American entrepreneurs are a mixed bag when it comes to education. Census data from 2019 show that while most entrepreneurs have a bachelor’s degree — and a smaller number had a master’s, doctorate or other professional degree — there are millions of others who created their business after earning an associate’s degree, technical certificate or GED, or not completing high school.
Since 1985, the number of entrepreneurship courses offered at college campuses across the nation has risen 20-fold. Philadelphia’s major universities do have official entrepreneurship curricula in the form of degrees, minors or certificate programs. Temple University offers a master’s in innovation management and entrepreneurship in its Fox School of Business, University of Pennsylvania’s Wharton School offers an entrepreneurship and innovation major within its MBA program, and Drexel University offers an entrepreneurship and innovation undergraduate degree within a college dedicated to entrepreneurship — the Charles D. Close School of Entrepreneurship.
In 2023 and beyond, how important is an entrepreneurship degree or official academic training for startup founders? We asked Philly execs for their thoughts: Did they study official business curricula? If not, do they wish they had?
Learning from peers
Chris Cera, founder of software company Arcweb, received his undergraduate and graduate degrees in computer science from Drexel in the early 2000s. Though he wasn’t studying entrepreneurship, the university’s Baiada Institute for Entrepreneurship was well known on campus as a place for extracurriculars and events, he said. It served as a source of information, connection and inspiration, and led him to meeting mentor Mel Baiada, who he’s still in touch with today.
The hardest thing for Cera in getting his businesses off the ground wasn’t the lack of formal education in business, but getting the confidence to make moves.
“Taking the plunge requires a ton of confidence,” he said, “so the great thing about being at the Baiada Center was you saw people who were actually taking the plunge and could talk about it.”
Cera said he thinks the establishment of more entrepreneurship-focused degrees and curricula is a good thing for people who know they want to start their own businesses. But he doesn’t regret the course he took, or feel like he lacked without official academic training.
Varied industries, with educational backgrounds to match
That was a sentiment shared by several of Technical.ly’s 2023 RealLIST Startups founders, who gathered earlier this month to talk about the future of tech, and the best and worst parts about building a company in Philly. The startups on this year’s list span industries including healthcare, enterprise tech and gaming — and their educational backgrounds varied just as much.
BOSS.Tech founders Felicite Moorman and Ryan Buchert, who have started multiple companies together, bring quite a mix of studies to their work. Buchert, the technical lead on their projects, graduated with an engineering degree, while Moorman crafted an “interdisciplinary studies” major that hit on women’s studies, philosophy, biology and psychology.
She’s also a “recovering attorney,” like BLOK founder Tony Frick. Though Frick spent a few years in law, his undergraduate degree was from Brown University in economics. He also took some entrepreneurship classes, which were housed within the engineering department and focused on inventing-based skills.
Healthcare-at-home company Sena Health’s founder, Anthony Wehbe, and Amy Felix, founder of TrackCE, a mobile app to allow doctors and nurses to keep their education and certification credentials in one place, both come from traditional healthcare schooling. Wehbe was a longtime physician and Felix earned a nursing degree.
Learning by doing
For Jessie Garcia, founder of concussion-monitoring device company Tozuda, her mix of a bachelor’s in global studies and minors in women’s studies and entrepreneurship from Lehigh University struck the right chord to help her grow a business. She also obtained a master’s in engineering and technical entrepreneurship from the university — “half product design, half business,” she said.

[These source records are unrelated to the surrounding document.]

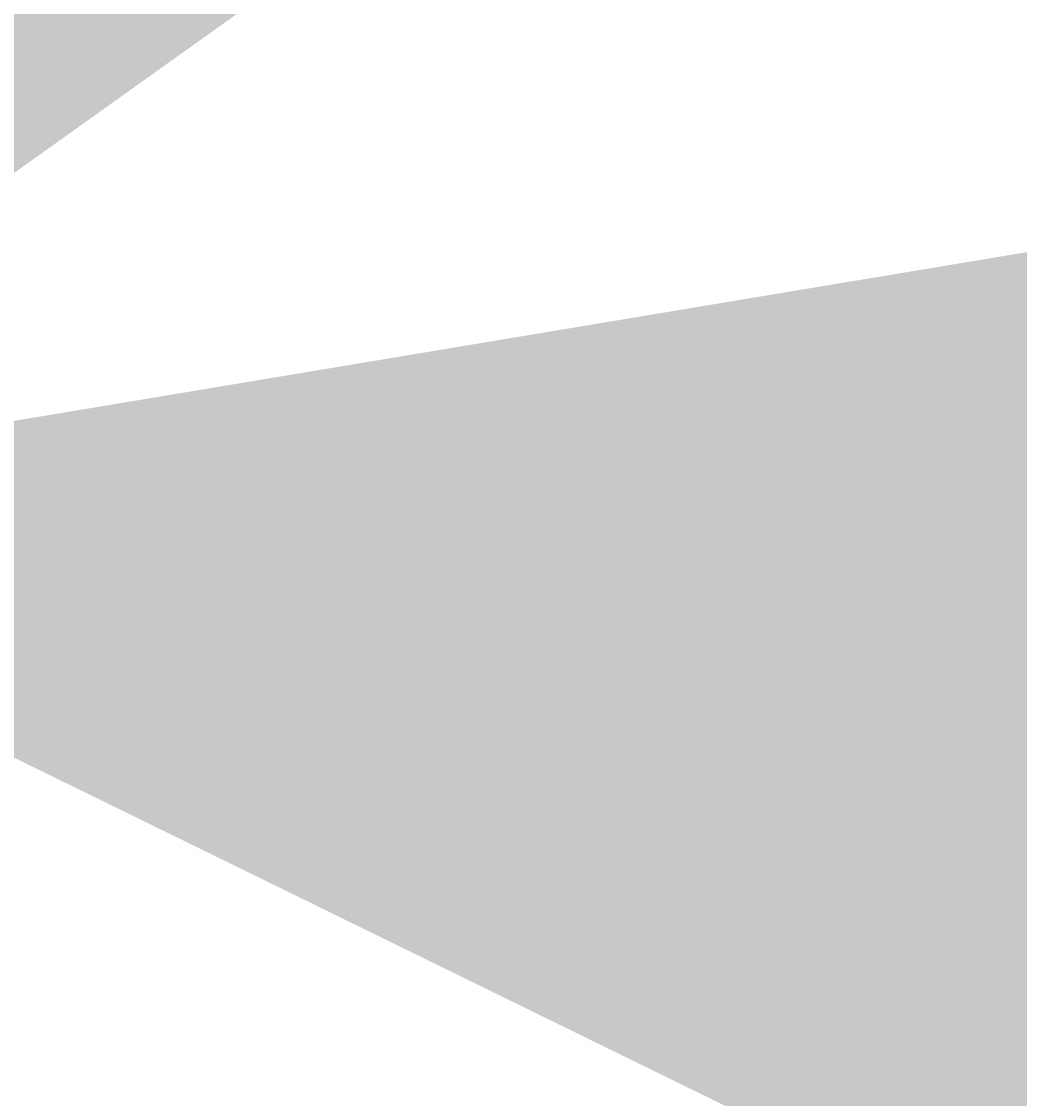
# Model space of a CAD drawing. Units: millimetres. Extents: x -22994 to 29398, y -19990 to 20176.
# Tile 131 of 135: x 2052 to 5745, y -1986 to 2002. Entities that reach past the tile are written whole.
import ezdxf

# ---------------------------------------------------------------- set-up
doc = ezdxf.new("R2010")
doc.units = ezdxf.units.MM
doc.header["$MEASUREMENT"] = 0
doc.layers.add('M-DIMS', color=2, linetype='Continuous', lineweight=18)
doc.styles.get("Standard").update_dxf_attribs({"font": 'arial.ttf'})
doc.dimstyles.get("Standard").update_dxf_attribs({"dimtxt": 0.18, "dimasz": 10000, "dimexe": 0.18, "dimexo": 0.0625, "dimgap": 0.09, "dimtad": 0, "dimtih": 1, "dimtoh": 1, "dimdec": 0, "dimzin": 0, "dimdsep": 46, "dimtxsty": 'Standard', "dimcen": 0.09, "dimadec": 0, "dimazin": 0, "dimtfac": 1, "dimtdec": 0, "dimtofl": 0, "dimtmove": 0, "dimatfit": 3, "dimfxl": 1, "dimtolj": 1, "dimtzin": 0, "dimlwd": 30, "dimarcsym": 0})

# ---------------------------------------------------------------- blocks, each defined once
blk = doc.blocks.new('*D2')
at = {"layer": 'Defpoints', "color": 0, "transparency": 16777216}
for p in [(6.7, 10.3), (290.9, 10.3), (290.9, -5.1)]:
    blk.add_point(p, dxfattribs=at)
at = {"layer": 'M-DIMS', "color": 0, "lineweight": -2, "transparency": 16777216}
for p, q in [((6.7, 10.2), (6.7, -5.3)), ((290.9, 10.2), (290.9, -5.3))]:
    blk.add_line(p, q, dxfattribs=at)
at = {"layer": 'M-DIMS', "color": 0, "lineweight": 30, "transparency": 16777216}
for p, q in [((-9993.3, -5.1), (-19993.3, -5.1)), ((10290.9, -5.1), (20290.9, -5.1))]:
    blk.add_line(p, q, dxfattribs=at)
at = {"layer": 'M-DIMS', "color": 0, "transparency": 16777216}
for points in [[(-9993.3, 1661.6), (-9993.3, -1671.7), (6.7, -5.1)], [(10290.9, 1661.6), (10290.9, -1671.7), (290.9, -5.1)]]:
    blk.add_solid(points, dxfattribs=at)
at = {"layer": 'M-DIMS', "color": 0, "transparency": 16777216, "insert": (148.8, -5.1), "char_height": 0.18, "attachment_point": 5}
blk.add_mtext('\\A1;284.2', dxfattribs=at)
blk = doc.blocks.new('*D3')
at = {"layer": 'Defpoints', "color": 0, "transparency": 16777216}
for p in [(110.3, 204.2), (110.3, 176.4), (95.8, 128)]:
    blk.add_point(p, dxfattribs=at)
at = {"layer": 'M-DIMS', "color": 0, "lineweight": 30, "transparency": 16777216}
for p, q in [((-9904.2, 204.2), (-19904.2, 204.2)), ((10110.3, 204.2), (20110.3, 204.2))]:
    blk.add_line(p, q, dxfattribs=at)
at = {"layer": 'M-DIMS', "color": 0, "lineweight": -2, "transparency": 16777216}
for p, q in [((95.8, 128), (95.8, 204.3)), ((110.3, 176.4), (110.3, 204.3))]:
    blk.add_line(p, q, dxfattribs=at)
at = {"layer": 'M-DIMS', "color": 0, "transparency": 16777216}
for points in [[(-9904.2, 1870.8), (-9904.2, -1462.5), (95.8, 204.2)], [(10110.3, 1870.8), (10110.3, -1462.5), (110.3, 204.2)]]:
    blk.add_solid(points, dxfattribs=at)
at = {"layer": 'M-DIMS', "color": 0, "transparency": 16777216, "insert": (103, 204.2), "char_height": 0.18, "attachment_point": 5}
blk.add_mtext('\\A1;14.432', dxfattribs=at)
blk = doc.blocks.new('*D4')
at = {"layer": 'Defpoints', "color": 0, "transparency": 16777216}
for p in [(116.3, 204.2), (110.3, 176.4), (116.3, 176.4)]:
    blk.add_point(p, dxfattribs=at)
at = {"layer": 'M-DIMS', "color": 0, "lineweight": 30, "transparency": 16777216}
for p, q in [((-9889.7, 204.2), (-19889.7, 204.2)), ((10116.3, 204.2), (20116.3, 204.2))]:
    blk.add_line(p, q, dxfattribs=at)
at = {"layer": 'M-DIMS', "color": 0, "lineweight": -2, "transparency": 16777216}
for p, q in [((110.3, 176.4), (110.3, 204.3)), ((116.3, 176.4), (116.3, 204.3))]:
    blk.add_line(p, q, dxfattribs=at)
at = {"layer": 'M-DIMS', "color": 0, "transparency": 16777216}
for points in [[(-9889.7, 1870.8), (-9889.7, -1462.5), (110.3, 204.2)], [(10116.3, 1870.8), (10116.3, -1462.5), (116.3, 204.2)]]:
    blk.add_solid(points, dxfattribs=at)
at = {"layer": 'M-DIMS', "color": 0, "transparency": 16777216, "insert": (113.3, 204.2), "char_height": 0.18, "attachment_point": 5}
blk.add_mtext('\\A1;6', dxfattribs=at)
blk = doc.blocks.new('*D5')
at = {"layer": 'Defpoints', "color": 0, "transparency": 16777216}
for p in [(181.3, 204.2), (116.3, 176.4), (181.3, 176.4)]:
    blk.add_point(p, dxfattribs=at)
at = {"layer": 'M-DIMS', "color": 0, "lineweight": 30, "transparency": 16777216}
for p, q in [((-9883.7, 204.2), (-19883.7, 204.2)), ((10181.3, 204.2), (20181.3, 204.2))]:
    blk.add_line(p, q, dxfattribs=at)
at = {"layer": 'M-DIMS', "color": 0, "lineweight": -2, "transparency": 16777216}
for p, q in [((116.3, 176.4), (116.3, 204.3)), ((181.3, 176.4), (181.3, 204.3))]:
    blk.add_line(p, q, dxfattribs=at)
at = {"layer": 'M-DIMS', "color": 0, "transparency": 16777216}
for points in [[(-9883.7, 1870.8), (-9883.7, -1462.5), (116.3, 204.2)], [(10181.3, 1870.8), (10181.3, -1462.5), (181.3, 204.2)]]:
    blk.add_solid(points, dxfattribs=at)
at = {"layer": 'M-DIMS', "color": 0, "transparency": 16777216, "insert": (148.8, 204.2), "char_height": 0.18, "attachment_point": 5}
blk.add_mtext('\\A1;65', dxfattribs=at)
blk = doc.blocks.new('*D6')
at = {"layer": 'Defpoints', "color": 0, "transparency": 16777216}
for p in [(187.3, 204.2), (181.3, 176.4), (187.3, 176.4)]:
    blk.add_point(p, dxfattribs=at)
at = {"layer": 'M-DIMS', "color": 0, "lineweight": 30, "transparency": 16777216}
for p, q in [((-9818.7, 204.2), (-19818.7, 204.2)), ((10187.3, 204.2), (20187.3, 204.2))]:
    blk.add_line(p, q, dxfattribs=at)
at = {"layer": 'M-DIMS', "color": 0, "lineweight": -2, "transparency": 16777216}
for p, q in [((181.3, 176.4), (181.3, 204.3)), ((187.3, 176.4), (187.3, 204.3))]:
    blk.add_line(p, q, dxfattribs=at)
at = {"layer": 'M-DIMS', "color": 0, "transparency": 16777216}
for points in [[(-9818.7, 1870.8), (-9818.7, -1462.5), (181.3, 204.2)], [(10187.3, 1870.8), (10187.3, -1462.5), (187.3, 204.2)]]:
    blk.add_solid(points, dxfattribs=at)
at = {"layer": 'M-DIMS', "color": 0, "transparency": 16777216, "insert": (184.3, 204.2), "char_height": 0.18, "attachment_point": 5}
blk.add_mtext('\\A1;6', dxfattribs=at)
blk = doc.blocks.new('*D7')
at = {"layer": 'Defpoints', "color": 0, "transparency": 16777216}
for p in [(201.7, 204.2), (187.3, 176.4), (201.7, 128)]:
    blk.add_point(p, dxfattribs=at)
at = {"layer": 'M-DIMS', "color": 0, "lineweight": 30, "transparency": 16777216}
for p, q in [((-9812.7, 204.2), (-19812.7, 204.2)), ((10201.7, 204.2), (20201.7, 204.2))]:
    blk.add_line(p, q, dxfattribs=at)
at = {"layer": 'M-DIMS', "color": 0, "lineweight": -2, "transparency": 16777216}
for p, q in [((187.3, 176.4), (187.3, 204.3)), ((201.7, 128), (201.7, 204.3))]:
    blk.add_line(p, q, dxfattribs=at)
at = {"layer": 'M-DIMS', "color": 0, "transparency": 16777216}
for points in [[(-9812.7, 1870.8), (-9812.7, -1462.5), (187.3, 204.2)], [(10201.7, 1870.8), (10201.7, -1462.5), (201.7, 204.2)]]:
    blk.add_solid(points, dxfattribs=at)
at = {"layer": 'M-DIMS', "color": 0, "transparency": 16777216, "insert": (194.5, 204.2), "char_height": 0.18, "attachment_point": 5}
blk.add_mtext('\\A1;14.432', dxfattribs=at)
blk = doc.blocks.new('*D8')
at = {"layer": 'Defpoints', "color": 0, "transparency": 16777216}
for p in [(227.6, 204.2), (201.7, 128), (227.6, 146.7)]:
    blk.add_point(p, dxfattribs=at)
at = {"layer": 'M-DIMS', "color": 0, "lineweight": 30, "transparency": 16777216}
for p, q in [((-9798.3, 204.2), (-19798.3, 204.2)), ((10227.6, 204.2), (20227.6, 204.2))]:
    blk.add_line(p, q, dxfattribs=at)
at = {"layer": 'M-DIMS', "color": 0, "lineweight": -2, "transparency": 16777216}
for p, q in [((201.7, 128), (201.7, 204.3)), ((227.6, 146.8), (227.6, 204.3))]:
    blk.add_line(p, q, dxfattribs=at)
at = {"layer": 'M-DIMS', "color": 0, "transparency": 16777216}
for points in [[(-9798.3, 1870.8), (-9798.3, -1462.5), (201.7, 204.2)], [(10227.6, 1870.8), (10227.6, -1462.5), (227.6, 204.2)]]:
    blk.add_solid(points, dxfattribs=at)
at = {"layer": 'M-DIMS', "color": 0, "transparency": 16777216, "insert": (214.7, 204.2), "char_height": 0.18, "attachment_point": 5}
blk.add_mtext('\\A1;25.95', dxfattribs=at)
blk = doc.blocks.new('*D10')
at = {"layer": 'Defpoints', "color": 0, "transparency": 16777216}
for p in [(125.6, 136.1), (133.3, 136.1), (133.3, -5.1)]:
    blk.add_point(p, dxfattribs=at)
at = {"layer": 'M-DIMS', "color": 0, "lineweight": -2, "transparency": 16777216}
for p, q in [((125.6, 136), (125.6, -5.3)), ((133.3, 136), (133.3, -5.3))]:
    blk.add_line(p, q, dxfattribs=at)
at = {"layer": 'M-DIMS', "color": 0, "lineweight": 30, "transparency": 16777216}
for p, q in [((-9874.4, -5.1), (-19874.4, -5.1)), ((10133.3, -5.1), (20133.3, -5.1))]:
    blk.add_line(p, q, dxfattribs=at)
at = {"layer": 'M-DIMS', "color": 0, "transparency": 16777216}
for points in [[(-9874.4, 1661.6), (-9874.4, -1671.7), (125.6, -5.1)], [(10133.3, 1661.6), (10133.3, -1671.7), (133.3, -5.1)]]:
    blk.add_solid(points, dxfattribs=at)
at = {"layer": 'M-DIMS', "color": 0, "transparency": 16777216, "insert": (129.5, -5.1), "char_height": 0.18, "attachment_point": 5}
blk.add_mtext('\\A1;7.696', dxfattribs=at)
blk = doc.blocks.new('*D11')
at = {"layer": 'Defpoints', "color": 0, "transparency": 16777216}
for p in [(133.3, 136.1), (135.6, 136.1), (135.6, -5.1)]:
    blk.add_point(p, dxfattribs=at)
at = {"layer": 'M-DIMS', "color": 0, "lineweight": -2, "transparency": 16777216}
for p, q in [((133.3, 136), (133.3, -5.3)), ((135.6, 136), (135.6, -5.3))]:
    blk.add_line(p, q, dxfattribs=at)
at = {"layer": 'M-DIMS', "color": 0, "lineweight": 30, "transparency": 16777216}
for p, q in [((-9866.7, -5.1), (-19866.7, -5.1)), ((10135.6, -5.1), (20135.6, -5.1))]:
    blk.add_line(p, q, dxfattribs=at)
at = {"layer": 'M-DIMS', "color": 0, "transparency": 16777216}
for points in [[(-9866.7, 1661.6), (-9866.7, -1671.7), (133.3, -5.1)], [(10135.6, 1661.6), (10135.6, -1671.7), (135.6, -5.1)]]:
    blk.add_solid(points, dxfattribs=at)
at = {"layer": 'M-DIMS', "color": 0, "transparency": 16777216, "insert": (134.5, -5.1), "char_height": 0.18, "attachment_point": 5}
blk.add_mtext('\\A1;2.304', dxfattribs=at)
blk = doc.blocks.new('*D12')
at = {"layer": 'Defpoints', "color": 0, "transparency": 16777216}
for p in [(135.6, 136.1), (145.6, 136.1), (145.6, -5.1)]:
    blk.add_point(p, dxfattribs=at)
at = {"layer": 'M-DIMS', "color": 0, "lineweight": -2, "transparency": 16777216}
for p, q in [((135.6, 136), (135.6, -5.3)), ((145.6, 136), (145.6, -5.3))]:
    blk.add_line(p, q, dxfattribs=at)
at = {"layer": 'M-DIMS', "color": 0, "lineweight": 30, "transparency": 16777216}
for p, q in [((-9864.4, -5.1), (-19864.4, -5.1)), ((10145.6, -5.1), (20145.6, -5.1))]:
    blk.add_line(p, q, dxfattribs=at)
at = {"layer": 'M-DIMS', "color": 0, "transparency": 16777216}
for points in [[(-9864.4, 1661.6), (-9864.4, -1671.7), (135.6, -5.1)], [(10145.6, 1661.6), (10145.6, -1671.7), (145.6, -5.1)]]:
    blk.add_solid(points, dxfattribs=at)
at = {"layer": 'M-DIMS', "color": 0, "transparency": 16777216, "insert": (140.6, -5.1), "char_height": 0.18, "attachment_point": 5}
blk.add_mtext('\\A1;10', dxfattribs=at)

Garcia originally thought she was headed for med school, but found that global studies was a fascinating combo of thinking about human challenges through a lens of psychology, sociology, political science. And she’s long been passionate about women’s issues, but her gender studies program frustrated her.
“I felt like I didn’t have the equipment to solve them, or think about what happens next,” Garcia said of the problems presented in her courses. “Like, OK, we could expose something at this level, but what do we do about it?”
Learning about entrepreneurship came at the time she experienced her life-changing concussion during a rugby game, which prompted her to begin researching and designing what is now Tozuda’s head impact indicator. Though she found her academic programs helpful in her startup journey, she doesn’t think it’s a necessity for anyone.
“I do believe in constant education. Even after going to grad school, I’ve done accelerator programs, I went to community college to take a 3D modeling class,” Garcia said. “I don’t think you need to do that at a university because there’s so many different support systems in different cities. In Philadelphia, in particular, there’s great places to learn outside the classroom, and sometimes the best lesson learning is just by doing.”